I’ve been helping my old pal Chuck Ripplejaw finish this just lately. Yes, it’s a Lotus Clubman, but the tricky bit is that it’s a Series 3.

Why’s that tricky? Because there are some important differences when compared with a Series 1 or 2 car.

The mechanicals speak for themselves, but when it came to fitting the new guards to the new sheet metal that graces the spaceframe, many heads were suddenly being scratched.

What we were trying to figure out for sure was exactly where the guards were supposed to land so we could secure them.

The rears were kind of easy because their correct location can be indexed from the lower, tubular section of spaceframe which needs to correspond to the larger hole in the fibreglass guard (or nothing will line up).

Having worked out that much, we drilled the holes in the right spots and added a couple of Clecos to locate things before we attach them permanently.

But the front guards? Different matter. Fundamentally, there are just too many variables.

See, the front guard (or wing, since we’re speaking Lotus) attaches to a stay located roughly below the windscreen post and then at the front via a strut that also mounts the boggle-eyed little headlights.

Build Your Own Lotus Clubman. How hard can it be?

Thing is, that front mount swivels and can be mounted in any number of positions throughout its arc.

And until you know where it will eventually fall, you can only guess where the rear stay has to be attached to avoid the car looking like it’s doing the bird dance.

You can’t even trust the guard itself to tell you where it wants to sit. The fibreglass has plenty of flex and who knows how true it was when it first popped out of the mould? 

Eventually, we figured that if we could work out where the rear stay needed to be mounted, we could then lay the guard over it and work forwards to the point where the front stay swivelled into a position where everything started to fit snugly and – more importantly – looked okay. 

The problem then became that we had no blueprints or technical drawings for the car. But we did have a good, side-on photograph of a Series 3 in a Lotus book Chuck had on the workbench.
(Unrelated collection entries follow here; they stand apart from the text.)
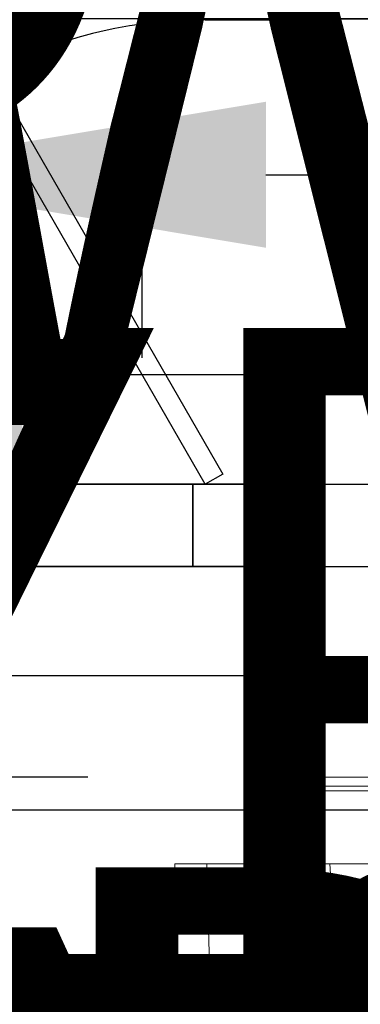
# Model space of a CAD drawing. Units: inches. Extents: x -307 to 2141, y -58 to 895.
# Tile 17 of 28: x 666 to 704, y 481 to 589. Entities that reach past the tile are written whole.
import ezdxf

# ---------------------------------------------------------------- set-up
doc = ezdxf.new("R2010")
doc.units = ezdxf.units.IN
doc.header["$MEASUREMENT"] = 0
for name, color, linetype, lineweight in [('A-ANNO-DIMS', 2, 'Continuous', 18), ('A-DOOR', 3, 'Continuous', 25), ('A-FURN', 8, 'Continuous', 18), ('A-WALL', 7, 'Continuous', 35)]:
    doc.layers.add(name, color=color, linetype=linetype, lineweight=lineweight)
doc.styles.get("Standard").update_dxf_attribs({"font": 'arial.ttf'})
doc.dimstyles.get("Standard").update_dxf_attribs({"dimtxt": 72, "dimasz": 48, "dimexe": 0.18, "dimexo": 0.0625, "dimgap": 0.09, "dimtad": 0, "dimtih": 1, "dimtoh": 1, "dimdec": 0, "dimrnd": 48, "dimzin": 0, "dimdsep": 46, "dimlunit": 3, "dimtxsty": 'Standard', "dimcen": 0.09, "dimadec": 0, "dimazin": 0, "dimtfac": 1, "dimtdec": 0, "dimtofl": 0, "dimtmove": 0, "dimatfit": 3, "dimfxl": 1, "dimtolj": 1, "dimtzin": 0, "dimarcsym": 0})

# ---------------------------------------------------------------- blocks, each defined once
blk = doc.blocks.new('*U3')
for p, q in [((-40, 0), (-40, 6)), ((0, 0), (0, 6))]:
    blk.add_line(p, q)
blk.add_lwpolyline([(0, 0), (-34.641, -20), (-35.516, -18.484), (-0.875, 1.516)], close=True)
blk.add_arc((0, 0), 40, 180, 210)
blk = doc.blocks.new('Dining Set - 36 x 72 in.')
for p, q in [((-22, 27.5), (-22.1562, 26.50042)), ((-22, 27.5), (-6, 27.5)), ((-5.8437, 26.49966), (-6, 27.5)), ((6, 27.5), (5.8438, 26.50042)), ((6, 27.5), (22, 27.5)), ((22.1563, 26.49966), (22, 27.5)), ((-22.2343, 26.00059), (-23.4847, 17.99762)), ((-22.2304, 26), (-5.7608, 26)), ((-5.8416, 26.5), (-22.1534, 26.5)), ((-4.5152, 17.99762), (-5.7655, 25.99926)), ((5.7657, 26.00059), (4.5153, 17.99762)), ((5.7696, 26), (22.2392, 26)), ((22.1584, 26.5), (5.8466, 26.5)), ((23.4848, 17.99762), (22.2345, 25.99926)), ((36, 18), (-36, 18)), ((-36, 18), (-36, -18)), ((36, -18), (36, 18)), ((-44.0006, 8.23428), (-35.9976, 9.48474)), ((44.0006, 8.23428), (35.9976, 9.48474)), ((-45.5, 8), (-44.5004, 8.15617)), ((-45.5, 8), (-45.5, -8)), ((-44.5, -8.15843), (-44.5, 8.15338)), ((-44, 8.23041), (-44, -8.23915)), ((44, 8.23041), (44, -8.23915)), ((44.5, -8.15843), (44.5, 8.15338)), ((45.5, 8), (44.5005, 8.15617)), ((45.5, 8), (45.5, -8)), ((-44.4997, -8.15631), (-45.5, -8)), ((-35.9976, -9.48476), (-43.9993, -8.2345)), ((35.9976, -9.48476), (43.9993, -8.2345)), ((44.4997, -8.15631), (45.5, -8)), ((-36, -18), (36, -18)), ((-22.2343, -26.0006), (-23.4847, -17.99762)), ((-4.5152, -17.99762), (-5.7655, -25.99928)), ((5.7657, -26.0006), (4.5153, -17.99762)), ((23.4848, -17.99762), (22.2345, -25.99928)), ((-22.2304, -26), (-5.7608, -26)), ((-22, -27.5), (-22.1562, -26.50044)), ((-5.8416, -26.5), (-22.1534, -26.5)), ((-5.8437, -26.49967), (-6, -27.5)), ((5.7696, -26), (22.2392, -26)), ((6, -27.5), (5.8438, -26.50044)), ((22.1584, -26.5), (5.8466, -26.5)), ((22.1563, -26.49967), (22, -27.5)), ((-22, -27.5), (-6, -27.5)), ((6, -27.5), (22, -27.5))]:
    blk.add_line(p, q)
for points in [[(-36, 15), (-31.1772, 14.97754), (-26.8079, 14.91406), (-22.8538, 14.81543), (-19.276, 14.6875), (-16.0362, 14.53613), (-13.0957, 14.36718), (-10.4159, 14.18652), (-7.9583, 14), (-5.6904, 13.81315), (-3.6035, 13.63021), (-1.6954, 13.45508), (0.0365, 13.29166), (1.5945, 13.14388), (2.9811, 13.01562), (4.1988, 12.9108), (5.25, 12.83333), (6.1393, 12.78613), (6.8802, 12.76823), (7.4883, 12.77767), (7.9792, 12.8125), (8.3685, 12.87077), (8.6719, 12.95052), (8.9049, 13.0498), (9.0833, 13.16666), (9.2205, 13.29899), (9.3216, 13.44401), (9.3895, 13.59879), (9.4271, 13.76041), (9.4373, 13.92594), (9.4232, 14.09245), (9.3875, 14.257), (9.3333, 14.41666), (9.2638, 14.56917), (9.1836, 14.71484), (9.0975, 14.85465), (9.0104, 14.98958), (8.9272, 15.1206), (8.8529, 15.2487), (8.7922, 15.37483), (8.75, 15.5), (8.7305, 15.62467), (8.7344, 15.74739), (8.7617, 15.86621), (8.8125, 15.97916), (8.8867, 16.08431), (8.9844, 16.17968), (9.1055, 16.26334), (9.25, 16.33333), (9.4189, 16.38802), (9.6172, 16.42708), (9.8506, 16.45052), (10.125, 16.45833), (10.4463, 16.45052), (10.8203, 16.42708), (11.2529, 16.38802), (11.75, 16.33333), (12.3184, 16.26318), (12.9694, 16.17838), (13.7151, 16.07991), (14.5677, 15.96875), (15.5395, 15.84586), (16.6426, 15.71224), (17.8893, 15.56884), (19.2917, 15.41666), (20.859, 15.25667), (22.5879, 15.08984), (24.4721, 14.91715), (26.5052, 14.73958), (28.6809, 14.5581), (30.9929, 14.3737), (33.4347, 14.18733), (36, 14)], [(-36, 10), (-28.9766, 10.14274), (-23.1725, 10.20442), (-18.4241, 10.19775), (-14.5677, 10.13541), (-11.4399, 10.03011), (-8.877, 9.89453), (-6.7154, 9.74137), (-4.7917, 9.58333), (-2.9698, 9.43082), (-1.2246, 9.28515), (0.4415, 9.14534), (2.026, 9.01041), (3.5266, 8.87939), (4.9408, 8.7513), (6.266, 8.62516), (7.5, 8.5), (8.6411, 8.37549), (9.6914, 8.2539), (10.6538, 8.13818), (11.5312, 8.03125), (12.3267, 7.93603), (13.043, 7.85547), (13.6831, 7.79248), (14.25, 7.75), (14.7471, 7.7303), (15.1797, 7.73307), (15.5537, 7.75732), (15.875, 7.80208), (16.1494, 7.86637), (16.3828, 7.94922), (16.5811, 8.04964), (16.75, 8.16666), (16.8944, 8.29915), (17.0143, 8.44531), (17.1089, 8.60319), (17.1771, 8.77083), (17.218, 8.94629), (17.2305, 9.1276), (17.2137, 9.31282), (17.1667, 9.5), (17.0895, 9.6875), (16.987, 9.875), (16.8649, 10.0625), (16.7292, 10.25), (16.5856, 10.4375), (16.4401, 10.625), (16.2985, 10.8125), (16.1667, 11), (16.05, 11.18733), (15.9518, 11.3737), (15.8752, 11.5581), (15.8229, 11.73958), (15.798, 11.91715), (15.8034, 12.08984), (15.842, 12.25667), (15.9167, 12.41666), (16.0295, 12.56836), (16.1784, 12.70833), (16.3605, 12.83268), (16.5729, 12.9375), (16.8127, 13.01888), (17.0768, 13.07291), (17.3625, 13.0957), (17.6667, 13.08333), (17.9894, 13.03312), (18.3418, 12.94726), (18.7382, 12.82918), (19.1927, 12.68229), (19.7195, 12.51001), (20.3327, 12.31575), (21.0465, 12.10294), (21.875, 11.875), (22.8357, 11.63354), (23.959, 11.37304), (25.2786, 11.08618), (26.8282, 10.76562), (28.6414, 10.40405), (30.752, 9.99414), (33.1936, 9.52856), (36, 9)], [(-36, 5.5), (-30.7157, 5.3348), (-26.069, 5.20963), (-21.9946, 5.11767), (-18.4271, 5.05208), (-15.3009, 5.00602), (-12.5508, 4.97265), (-10.1112, 4.94515), (-7.9167, 4.91666), (-5.909, 4.88167), (-4.0586, 4.83984), (-2.3429, 4.79215), (-0.7396, 4.73958), (0.7739, 4.6831), (2.22, 4.6237), (3.6213, 4.56233), (5, 4.5), (6.373, 4.43782), (7.7344, 4.3776), (9.0723, 4.32129), (10.375, 4.27083), (11.6309, 4.22819), (12.8281, 4.19531), (13.9551, 4.17415), (15, 4.16666), (15.954, 4.17448), (16.819, 4.19791), (17.6001, 4.23698), (18.3021, 4.29166), (18.9299, 4.36198), (19.4883, 4.44791), (19.9823, 4.54948), (20.4167, 4.66666), (20.7969, 4.79899), (21.1302, 4.94401), (21.4245, 5.09879), (21.6875, 5.26041), (21.9271, 5.42594), (22.1511, 5.59245), (22.3672, 5.757), (22.5834, 5.91666), (22.8065, 6.06868), (23.0404, 6.21093), (23.2879, 6.34147), (23.5521, 6.45833), (23.8358, 6.55957), (24.142, 6.64323), (24.4735, 6.70735), (24.8334, 6.75), (25.2235, 6.76969), (25.642, 6.76692), (26.0858, 6.74267), (26.5521, 6.69791), (27.0379, 6.63362), (27.5404, 6.55078), (28.0565, 6.45036), (28.5834, 6.33333), (29.1242, 6.19987), (29.7071, 6.04687), (30.3661, 5.87044), (31.1354, 5.66666), (32.0493, 5.43164), (33.142, 5.16146), (34.4475, 4.85221), (36, 4.5)], [(-36, -1), (-30.7915, -0.6591), (-26.0195, -0.38216), (-21.6519, -0.16284), (-17.6563, 0.00521), (-14.0005, 0.12833), (-10.6523, 0.21289), (-7.5796, 0.26522), (-4.75, 0.29166), (-2.134, 0.29793), (0.2878, 0.28711), (2.5317, 0.26163), (4.6146, 0.22396), (6.5529, 0.17651), (8.3633, 0.12174), (10.0623, 0.06209), (11.6667, 0), (13.1899, -0.06201), (14.6341, -0.1211), (15.9982, -0.17432), (17.2813, -0.21875), (18.4823, -0.25147), (19.6003, -0.26953), (20.6343, -0.27002), (21.5834, -0.25), (22.4481, -0.20768), (23.2357, -0.14584), (23.9549, -0.06836), (24.6146, 0.02083), (25.2235, 0.11784), (25.7904, 0.21875), (26.3241, 0.31966), (26.8334, 0.41666), (27.3265, 0.50618), (27.8099, 0.58593), (28.2894, 0.65397), (28.7709, 0.70833), (29.2601, 0.74707), (29.763, 0.76823), (30.2855, 0.76985), (30.8334, 0.75), (31.4088, 0.70784), (31.9994, 0.64713), (32.589, 0.57275), (33.1615, 0.48958), (33.7008, 0.4025), (34.1908, 0.3164), (34.6153, 0.23616), (34.9584, 0.16666), (35.2099, 0.11165), (35.3848, 0.07031), (35.504, 0.04069), (35.5886, 0.02083), (35.6594, 0.00879), (35.7377, 0.0026), (35.8442, 0.00032), (36, 0)], [(-36, -6.5), (-27.1843, -6.31267), (-20.084, -6.1263), (-14.469, -5.9419), (-10.1094, -5.76042), (-6.7752, -5.58285), (-4.2363, -5.41016), (-2.2629, -5.24333), (-0.625, -5.08334), (0.8708, -4.93099), (2.2715, -4.78646), (3.5872, -4.64974), (4.8281, -4.52084), (6.0046, -4.39974), (7.127, -4.28646), (8.2053, -4.18099), (9.25, -4.08334), (10.2705, -3.99382), (11.2734, -3.91407), (12.2647, -3.84603), (13.25, -3.79167), (14.2354, -3.75293), (15.2266, -3.73177), (16.2295, -3.73015), (17.25, -3.75), (18.2912, -3.79248), (19.3451, -3.85547), (20.4009, -3.93604), (21.4479, -4.03125), (22.4754, -4.13819), (23.4727, -4.25391), (24.4289, -4.37549), (25.3334, -4.5), (26.1785, -4.62492), (26.9694, -4.74935), (27.7145, -4.87281), (28.4219, -4.99479), (29.1, -5.11483), (29.7572, -5.23242), (30.4016, -5.34709), (31.0417, -5.45834), (31.6837, -5.56437), (32.3262, -5.65821), (32.9658, -5.73153), (33.599, -5.77604), (34.2224, -5.78345), (34.8327, -5.74545), (35.4264, -5.65373), (36, -5.5)], [(-36, -10), (-26.4022, -9.81299), (-18.4675, -9.62891), (-11.9839, -9.45069), (-6.7396, -9.28125), (-2.5226, -9.12354), (0.8789, -8.98047), (3.6769, -8.85498), (6.0833, -8.75), (8.2767, -8.66765), (10.3021, -8.60677), (12.1712, -8.56543), (13.8958, -8.54167), (15.4876, -8.53353), (16.9583, -8.53907), (18.3197, -8.55632), (19.5834, -8.58334), (20.7616, -8.61841), (21.8685, -8.66081), (22.9188, -8.71004), (23.9271, -8.76563), (24.9081, -8.82707), (25.8763, -8.89388), (26.8465, -8.96558), (27.8334, -9.04167), (28.8474, -9.12118), (29.8828, -9.20117), (30.93, -9.27824), (31.9792, -9.34896), (33.0205, -9.40991), (34.0443, -9.45768), (35.0407, -9.48885), (36, -9.5)], [(-36, -14.5), (-30.0881, -14.33513), (-25.0332, -14.21224), (-20.7312, -14.12647), (-17.0781, -14.07292), (-13.97, -14.04671), (-11.3027, -14.04297), (-8.9724, -14.05681), (-6.875, -14.08334), (-4.9224, -14.11833), (-3.0905, -14.16016), (-1.3709, -14.20785), (0.2448, -14.26042), (1.7647, -14.3169), (3.1973, -14.3763), (4.5507, -14.43767), (5.8333, -14.5), (7.0554, -14.5621), (8.235, -14.62175), (9.3922, -14.67652), (10.5469, -14.72396), (11.7192, -14.76164), (12.929, -14.78711), (14.1965, -14.79794), (15.5417, -14.79167), (16.9933, -14.76424), (18.6152, -14.70508), (20.4804, -14.60197), (22.6615, -14.44271), (25.2312, -14.21509), (28.2624, -13.9069), (31.8277, -13.50594), (36, -13)]]:
    blk.add_lwpolyline(points)
blk = doc.blocks.new('*D26')
at = {"layer": 'A-ANNO-DIMS', "color": 0, "lineweight": -2, "transparency": 16777216}
for p, q in [((565.34, 584.2), (565.34, 572.08)), ((645.34, 584.2), (645.34, 572.08)), ((517.34, 572.26), (469.34, 572.26)), ((693.34, 572.26), (741.34, 572.26))]:
    blk.add_line(p, q, dxfattribs=at)
at = {"layer": 'A-ANNO-DIMS', "color": 0, "transparency": 16777216}
for points in [[(517.34, 580.26), (517.34, 564.26), (565.34, 572.26)], [(693.34, 580.26), (693.34, 564.26), (645.34, 572.26)]]:
    blk.add_solid(points, dxfattribs=at)
at = {"layer": 'Defpoints', "color": 0, "transparency": 16777216}
for p in [(565.34, 584.26), (645.34, 584.26), (565.34, 572.26)]:
    blk.add_point(p, dxfattribs=at)
at = {"layer": 'A-ANNO-DIMS', "color": 0, "transparency": 16777216, "insert": (178.23, 572.26), "char_height": 72, "attachment_point": 5}
blk.add_mtext('\\A1;BED 80 TYP.', dxfattribs=at)
blk = doc.blocks.new('*D29')
at = {"layer": 'A-ANNO-DIMS', "color": 0, "lineweight": -2, "transparency": 16777216}
for p, q in [((747.42, 450.87), (699.42, 450.87)), ((795.42, 433.61), (795.42, 451.05)), ((882.03, 433.61), (882.03, 451.05)), ((930.03, 450.87), (978.03, 450.87))]:
    blk.add_line(p, q, dxfattribs=at)
at = {"layer": 'A-ANNO-DIMS', "color": 0, "transparency": 16777216}
for points in [[(747.42, 458.87), (747.42, 442.87), (795.42, 450.87)], [(930.03, 458.87), (930.03, 442.87), (882.03, 450.87)]]:
    blk.add_solid(points, dxfattribs=at)
at = {"layer": 'Defpoints', "color": 0, "transparency": 16777216}
for p in [(795.42, 450.87), (795.42, 433.55), (882.03, 433.55)]:
    blk.add_point(p, dxfattribs=at)
at = {"layer": 'A-ANNO-DIMS', "color": 0, "transparency": 16777216, "insert": (647.71, 450.87), "char_height": 72, "attachment_point": 5}
blk.add_mtext('\\A1;87', dxfattribs=at)
blk = doc.blocks.new('*D30')
at = {"layer": 'A-ANNO-DIMS', "color": 0, "lineweight": -2, "transparency": 16777216}
for p, q in [((570.74, 532.83), (570.74, 580.83)), ((570.74, 580.83), (618.74, 580.83)), ((565.4, 484.83), (570.92, 484.83)), ((565.4, 448.83), (570.92, 448.83)), ((570.74, 400.83), (570.74, 352.83))]:
    blk.add_line(p, q, dxfattribs=at)
at = {"layer": 'A-ANNO-DIMS', "color": 0, "transparency": 16777216}
for points in [[(562.74, 532.83), (578.74, 532.83), (570.74, 484.83)], [(562.74, 400.83), (578.74, 400.83), (570.74, 448.83)]]:
    blk.add_solid(points, dxfattribs=at)
at = {"layer": 'Defpoints', "color": 0, "transparency": 16777216}
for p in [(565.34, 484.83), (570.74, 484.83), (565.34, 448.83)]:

But while it showed where the rear stay should sit, there was no way to work out a hard-point from the photo. Or was there?

I grabbed a ruler and measured the distance in the photo from the stay’s lowest point to the bottom of the sheet metal, and then to the top of the sheet metal.

"The problem then became that we had no blueprints or technical drawings for the car."

Turns out, the photo showed the distances to be 6mm and 10mm respectively.

From there, we could measure the depth of the side of the actual car, divide that by 16 and then work out the attachment point by making sure we had 10/16ths above the mounting bolt and 6/16ths below it.

So we mocked that up and, lo and behold, the guard actually settled into place like it was always meant to be there.

It’s more scientific than either of us was expecting it to be, but it also proves the point that probably no two of these cars were ever identical. Not to mention proof that, in some cases, if it looks right, it almost certainly is.

This might also be the time to tell you that I have a love / hate relationship with these things. 

On a tight little race track with short straights, they are absolutely bliss on a stick.

But on the road, especially if, as I am, you are missing enough chromosomes to tackle an interstate run in one, you’ll soon conclude that, sometimes, walking aint so bad.